Same as Self Esteem (It is the fruit )

It is doing that is the secret key that unlocks the way to many things.

Making oneself available to feedback and being honest puts one on the growth spiral.

On trading... A Craft requires the development of JUDGEMENT ( A fruit of experience )



Motorway


----------



## Gringotts Bank (3 May 2012)

Trembling Hand said:


> LOL.
> 
> Go have a look at Ericsson work. Please!!




Best I can find online at the moment is some Amazon reviews of his 'Road to Excellence' book.  

Until I can get a proper look at that, perhaps you could help by summarizing how one could apply his theories to trading.  That would be helpful to everyone, I'd think.
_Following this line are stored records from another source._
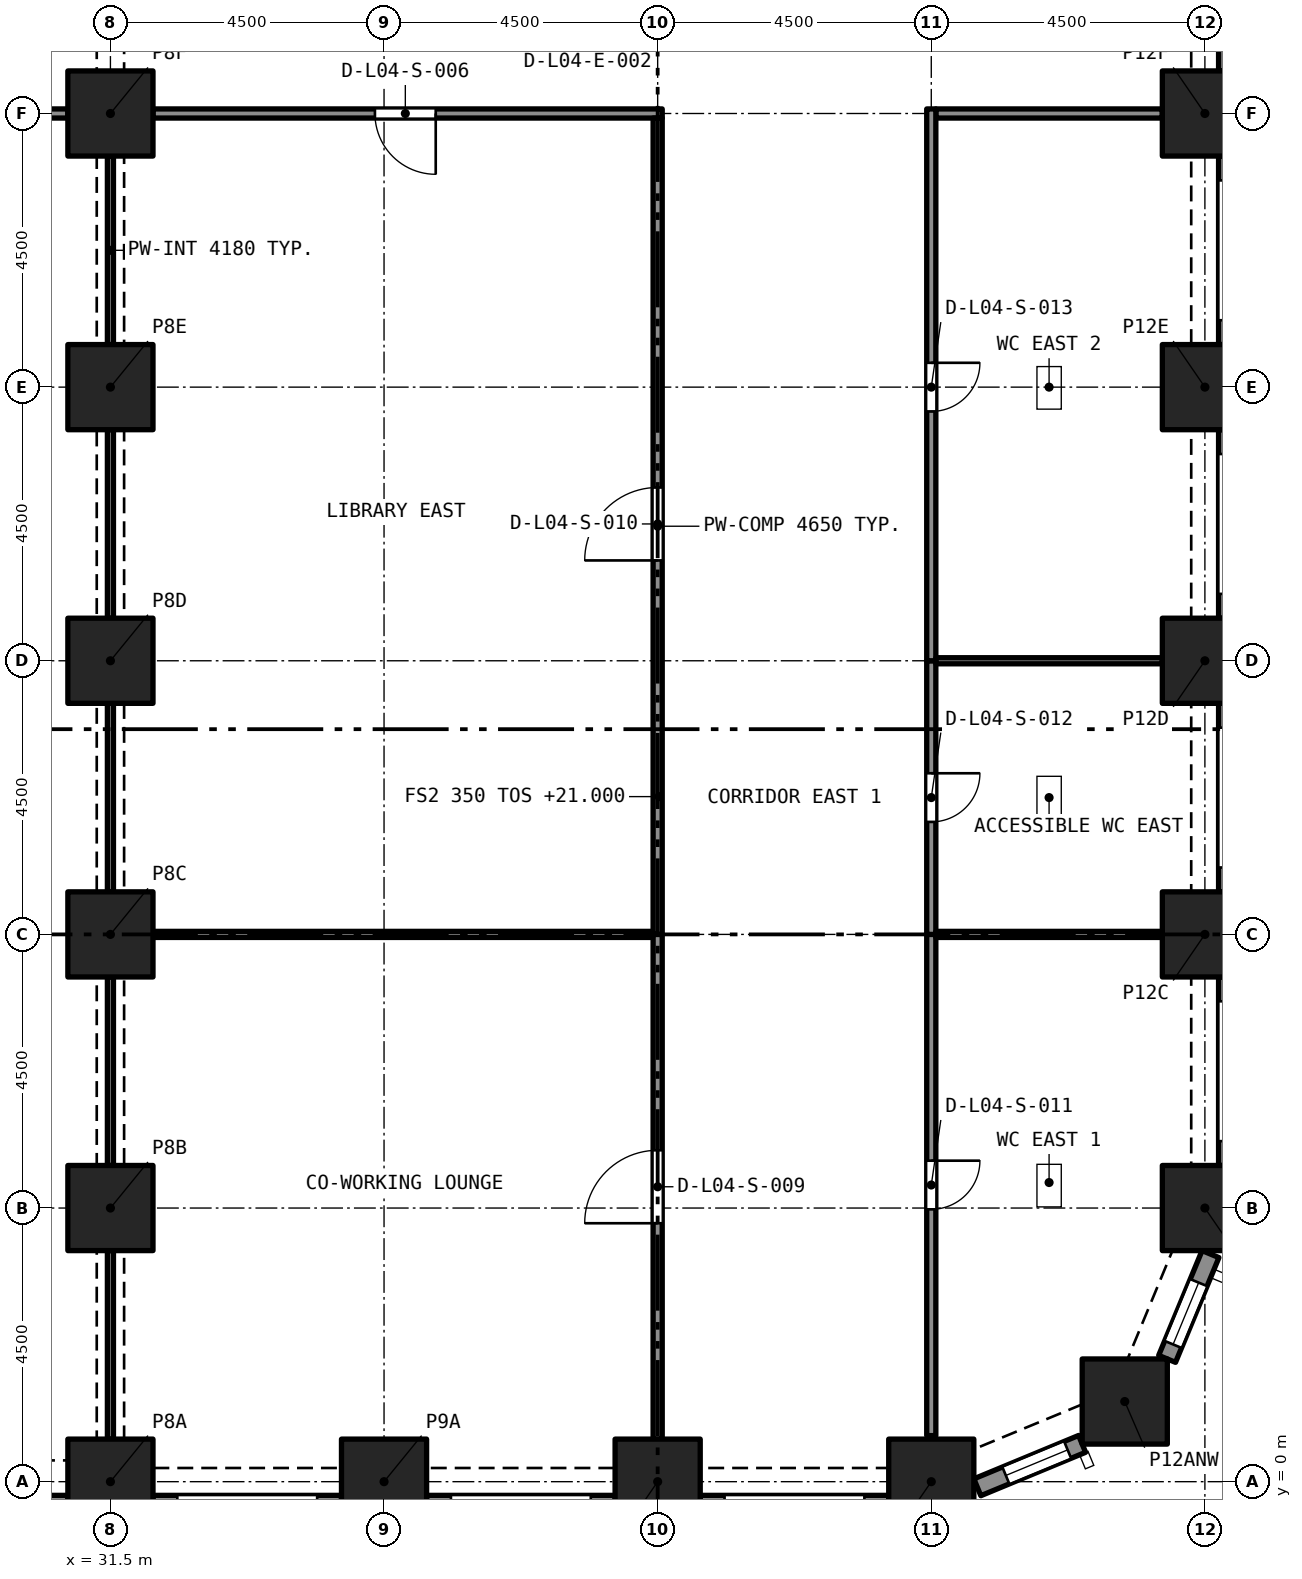
"""IFC4 building model, lengths in metres.
Left out: names, types, materials, properties, quantities, classifications, styles, units other than length and angle.
Written with IfcOpenShell. Run it as: python <this file> out.ifc"""

import sys

from ifc_helpers import new_model, si_unit, direction, frame, frame_2d, origin, origin_2d, place, context, subcontext, project, spatial, rectangle, extrude, element, fill, save


model = new_model("IFC4")
c1 = context("Model", 3, precision=1e-05, world=origin(), true_north=direction((0.0, 1.0)))
c2 = subcontext(c1, "Body", "Model", "MODEL_VIEW")
j1 = project(units=[si_unit("LENGTHUNIT", "METRE"), si_unit("PLANEANGLEUNIT", "RADIAN")], contexts=[c1])
p1 = place(None, origin())
s1 = spatial("IfcSite", under=j1, at=p1, CompositionType="ELEMENT")
p2 = place(p1, origin())
s2 = spatial("IfcBuilding", under=s1, at=p2, CompositionType="ELEMENT")
p3 = place(p2, frame((0.0, 0.0, 21.0)))
s3 = spatial("IfcBuildingStorey", under=s2, at=p3, CompositionType="ELEMENT", Elevation=21.0)
for number, where, z_axis, x_axis in (
    (1, (31.5, 0.0, 0.0), (0.0, 0.0, 1.0), (1.0, 0.0, 0.0)),
    (2, (36.0, 0.0, 0.0), (0.0, 0.0, 1.0), (1.0, 0.0, 0.0)),
    (3, (40.5, 0.0, 0.0), (0.0, 0.0, 1.0), (1.0, 0.0, 0.0)),
    (4, (45.0, 0.0, 0.0), (0.0, 0.0, 1.0), (1.0, 0.0, 0.0)),
    (5, (48.182, 1.318, 0.0), (0.0, 0.0, 1.0), (1.0, 0.0, 0.0)),
    (6, (31.5, 4.5, 0.0), (0.0, 0.0, 1.0), (1.0, 0.0, 0.0)),
    (7, (49.5, 4.5, 0.0), (0.0, 0.0, 1.0), (1.0, 0.0, 0.0)),
    (8, (31.5, 9.0, 0.0), (0.0, 0.0, 1.0), (1.0, 0.0, 0.0)),
    (9, (49.5, 9.0, 0.0), (0.0, 0.0, 1.0), (1.0, 0.0, 0.0)),
    (10, (31.5, 13.5, 0.0), (0.0, 0.0, 1.0), (1.0, 0.0, 0.0)),
    (11, (49.5, 13.5, 0.0), (0.0, 0.0, 1.0), (1.0, 0.0, 0.0)),
    (12, (31.5, 18.0, 0.0), (0.0, 0.0, 1.0), (1.0, 0.0, 0.0)),
    (13, (49.5, 18.0, 0.0), (0.0, 0.0, 1.0), (1.0, 0.0, 0.0)),
    (14, (31.5, 22.5, 0.0), (0.0, 0.0, 1.0), (1.0, 0.0, 0.0)),
    (15, (49.5, 22.5, 0.0), (0.0, 0.0, 1.0), (1.0, 0.0, 0.0)),
):
    element("IfcColumn", number, at=place(p3, frame(where, z_axis=z_axis, x_axis=x_axis)), inside=s3, PredefinedType="COLUMN", context=c2, shape_type="SweptSolid", body=[
        extrude(rectangle(XDim=1.4, YDim=1.4, at=origin_2d()), origin(), (0.0, 0.0, 1.0), 5.0),
    ])
p4 = place(p3, frame((30.8, -0.375, 0.0), z_axis=(0.0, 0.0, 1.0), x_axis=(-1.0, 0.0, 0.0)))
e16 = element("IfcWall", 16, at=p4, inside=s3, PredefinedType="SOLIDWALL", context=c2, shape_type="SweptSolid", body=[
    extrude(rectangle(XDim=3.325, YDim=0.3, at=frame_2d((1.663, 0.0))), origin(), (0.0, 0.0, 1.0), 5.0),
])
p5 = place(p4, frame((0.35, 0.0, 0.45)))
e17 = element("IfcOpeningElement", 17, at=p5, cuts=e16, PredefinedType="OPENING", context=c2, shape_type="SweptSolid", body=[
    extrude(rectangle(XDim=2.4, YDim=3.3, at=frame_2d((1.2, 1.65))), frame((0.0, 0.16, 0.0), z_axis=(0.0, -1.0, 0.0), x_axis=(1.0, 0.0, 0.0)), (0.0, 0.0, 1.0), 0.32),
])
p6 = place(p3, frame((35.3, -0.375, 0.0), z_axis=(0.0, 0.0, 1.0), x_axis=(-1.0, 0.0, 0.0)))
e18 = element("IfcWall", 18, at=p6, inside=s3, PredefinedType="SOLIDWALL", context=c2, shape_type="SweptSolid", body=[
    extrude(rectangle(XDim=3.1, YDim=0.3, at=frame_2d((1.55, 0.0))), origin(), (0.0, 0.0, 1.0), 5.0),
])
p7 = place(p6, frame((0.4, 0.0, 0.45)))
e19 = element("IfcOpeningElement", 19, at=p7, cuts=e18, PredefinedType="OPENING", context=c2, shape_type="SweptSolid", body=[
    extrude(rectangle(XDim=2.3, YDim=3.3, at=frame_2d((1.15, 1.65))), frame((0.0, 0.16, 0.0), z_axis=(0.0, -1.0, 0.0), x_axis=(1.0, 0.0, 0.0)), (0.0, 0.0, 1.0), 0.32),
])
p8 = place(p3, frame((39.8, -0.375, 0.0), z_axis=(0.0, 0.0, 1.0), x_axis=(-1.0, 0.0, 0.0)))
e20 = element("IfcWall", 20, at=p8, inside=s3, PredefinedType="SOLIDWALL", context=c2, shape_type="SweptSolid", body=[
    extrude(rectangle(XDim=3.1, YDim=0.3, at=frame_2d((1.55, 0.0))), origin(), (0.0, 0.0, 1.0), 5.0),
])
p9 = place(p8, frame((0.4, 0.0, 0.45)))
e21 = element("IfcOpeningElement", 21, at=p9, cuts=e20, PredefinedType="OPENING", context=c2, shape_type="SweptSolid", body=[
    extrude(rectangle(XDim=2.3, YDim=3.3, at=frame_2d((1.15, 1.65))), frame((0.0, 0.16, 0.0), z_axis=(0.0, -1.0, 0.0), x_axis=(1.0, 0.0, 0.0)), (0.0, 0.0, 1.0), 0.32),
])
p10 = place(p3, frame((44.3, -0.375, 0.0), z_axis=(0.0, 0.0, 1.0), x_axis=(-1.0, 0.0, 0.0)))
e22 = element("IfcWall", 22, at=p10, inside=s3, PredefinedType="SOLIDWALL", context=c2, shape_type="SweptSolid", body=[
    extrude(rectangle(XDim=3.1, YDim=0.3, at=frame_2d((1.55, 0.0))), origin(), (0.0, 0.0, 1.0), 5.0),
])
p11 = place(p10, frame((0.4, 0.0, 0.45)))
e23 = element("IfcOpeningElement", 23, at=p11, cuts=e22, PredefinedType="OPENING", context=c2, shape_type="SweptSolid", body=[
    extrude(rectangle(XDim=2.3, YDim=3.3, at=frame_2d((1.15, 1.65))), frame((0.0, 0.16, 0.0), z_axis=(0.0, -1.0, 0.0), x_axis=(1.0, 0.0, 0.0)), (0.0, 0.0, 1.0), 0.32),
])
p12 = place(p3, frame((47.48, 0.622, 0.0), z_axis=(0.0, 0.0, 1.0), x_axis=(-0.923903565336, -0.38262540684, 0.0)))
e24 = element("IfcWall", 24, at=p12, inside=s3, PredefinedType="SOLIDWALL", context=c2, shape_type="SweptSolid", body=[
    extrude(rectangle(XDim=1.865, YDim=0.3, at=frame_2d((0.933, 0.0))), origin(), (0.0, 0.0, 1.0), 5.0),
])
p13 = place(p12, frame((0.258, 0.0, 0.45)))
e25 = element("IfcOpeningElement", 25, at=p13, cuts=e24, PredefinedType="OPENING", context=c2, shape_type="SweptSolid", body=[
    extrude(rectangle(XDim=1.1, YDim=3.3, at=frame_2d((0.55, 1.65))), frame((0.0, 0.16, 0.0), z_axis=(0.0, -1.0, 0.0), x_axis=(1.0, 0.0, 0.0)), (0.0, 0.0, 1.0), 0.32),
])
p14 = place(p3, frame((49.592, 3.743, 0.0), z_axis=(0.0, 0.0, 1.0), x_axis=(-0.382737135771, -0.923857286003, 0.0)))
e26 = element("IfcWall", 26, at=p14, inside=s3, PredefinedType="SOLIDWALL", context=c2, shape_type="SweptSolid", body=[
    extrude(rectangle(XDim=1.865, YDim=0.3, at=frame_2d((0.933, 0.0))), origin(), (0.0, 0.0, 1.0), 5.0),
])
p15 = place(p14, frame((0.508, 0.0, 0.45)))
e27 = element("IfcOpeningElement", 27, at=p15, cuts=e26, PredefinedType="OPENING", context=c2, shape_type="SweptSolid", body=[
    extrude(rectangle(XDim=1.1, YDim=3.3, at=frame_2d((0.55, 1.65))), frame((0.0, 0.16, 0.0), z_axis=(0.0, -1.0, 0.0), x_axis=(1.0, 0.0, 0.0)), (0.0, 0.0, 1.0), 0.32),
])
p16 = place(p3, frame((49.875, 8.3, 0.0), z_axis=(0.0, 0.0, 1.0), x_axis=(0.0, -1.0, 0.0)))
e28 = element("IfcWall", 28, at=p16, inside=s3, PredefinedType="SOLIDWALL", context=c2, shape_type="SweptSolid", body=[
    extrude(rectangle(XDim=3.1, YDim=0.3, at=frame_2d((1.55, 0.0))), origin(), (0.0, 0.0, 1.0), 5.0),
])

edit: found this http://www.psy.fsu.edu/faculty/ericsson/ericsson.exp.perf.html, but I'd still like to hear your particular way of applying it to trading.


----------



## Trembling Hand (3 May 2012)

Gringotts Bank said:


> Best I can find online at the moment is some Amazon reviews of his 'Road to Excellence' book.
> 
> Until I can get a proper look at that, perhaps you could help by summarizing how one could apply his theories to trading.  That would be helpful to everyone, I'd think.




Already been done,



> *What Makes an Expert? *
> 
> A research summary from K. Anders Ericsson, a leading researcher in the field, offers three surprising conclusions:
> 
> ...







> *What does this mean for traders?* Here are three conclusions of my own:
> 
> 1) The majority of traders are looking for expertise in all the wrong places. They look for *the* right trading charts, indicators, setups, or systems. They are like beginning golfers who think they'll succeed if they only get the right set of clubs. Because they hope to get "the answer", they expect success in a year or two.* The research is unequivocal: expertise develops over a period of many years. If those years are not structured properly, traders will repeat a single year's experience ten times; they won't acquire ten years of experience.*
> 
> ...


----------



## Joules MM1 (3 May 2012)

partial to this one

http://en.wikipedia.org/wiki/Dunning–Kruger_effect



> Kruger and Dunning noted earlier studies suggesting that ignorance of standards of performance is behind a great deal of incompetence. This pattern was seen in studies of skills as diverse as......






			
				Kruger and Dunning said:
			
		

> ...for a given skill, incompetent people will:
> 1 tend to overestimate their own level of skill;
> 2 fail to recognize genuine skill in others;
> 3 fail to recognize the extremity of their inadequacy;
> 4 recognize and acknowledge their own previous lack of skill, if they can be trained to substantially improve.


----------



## 5oclock (3 May 2012)

TREMBLING, thanks for that great post, Anders will be worth a read judging from your experience.I see he has wrtten a number of books ,was any particular one a standout for you? By the way I hope you are fully recovered from the knife.


----------



## Trembling Hand (3 May 2012)

5oclock said:


> Anders will be worth a read judging from your experience.I see he has wrtten a number of books ,was any particular one a standout for you?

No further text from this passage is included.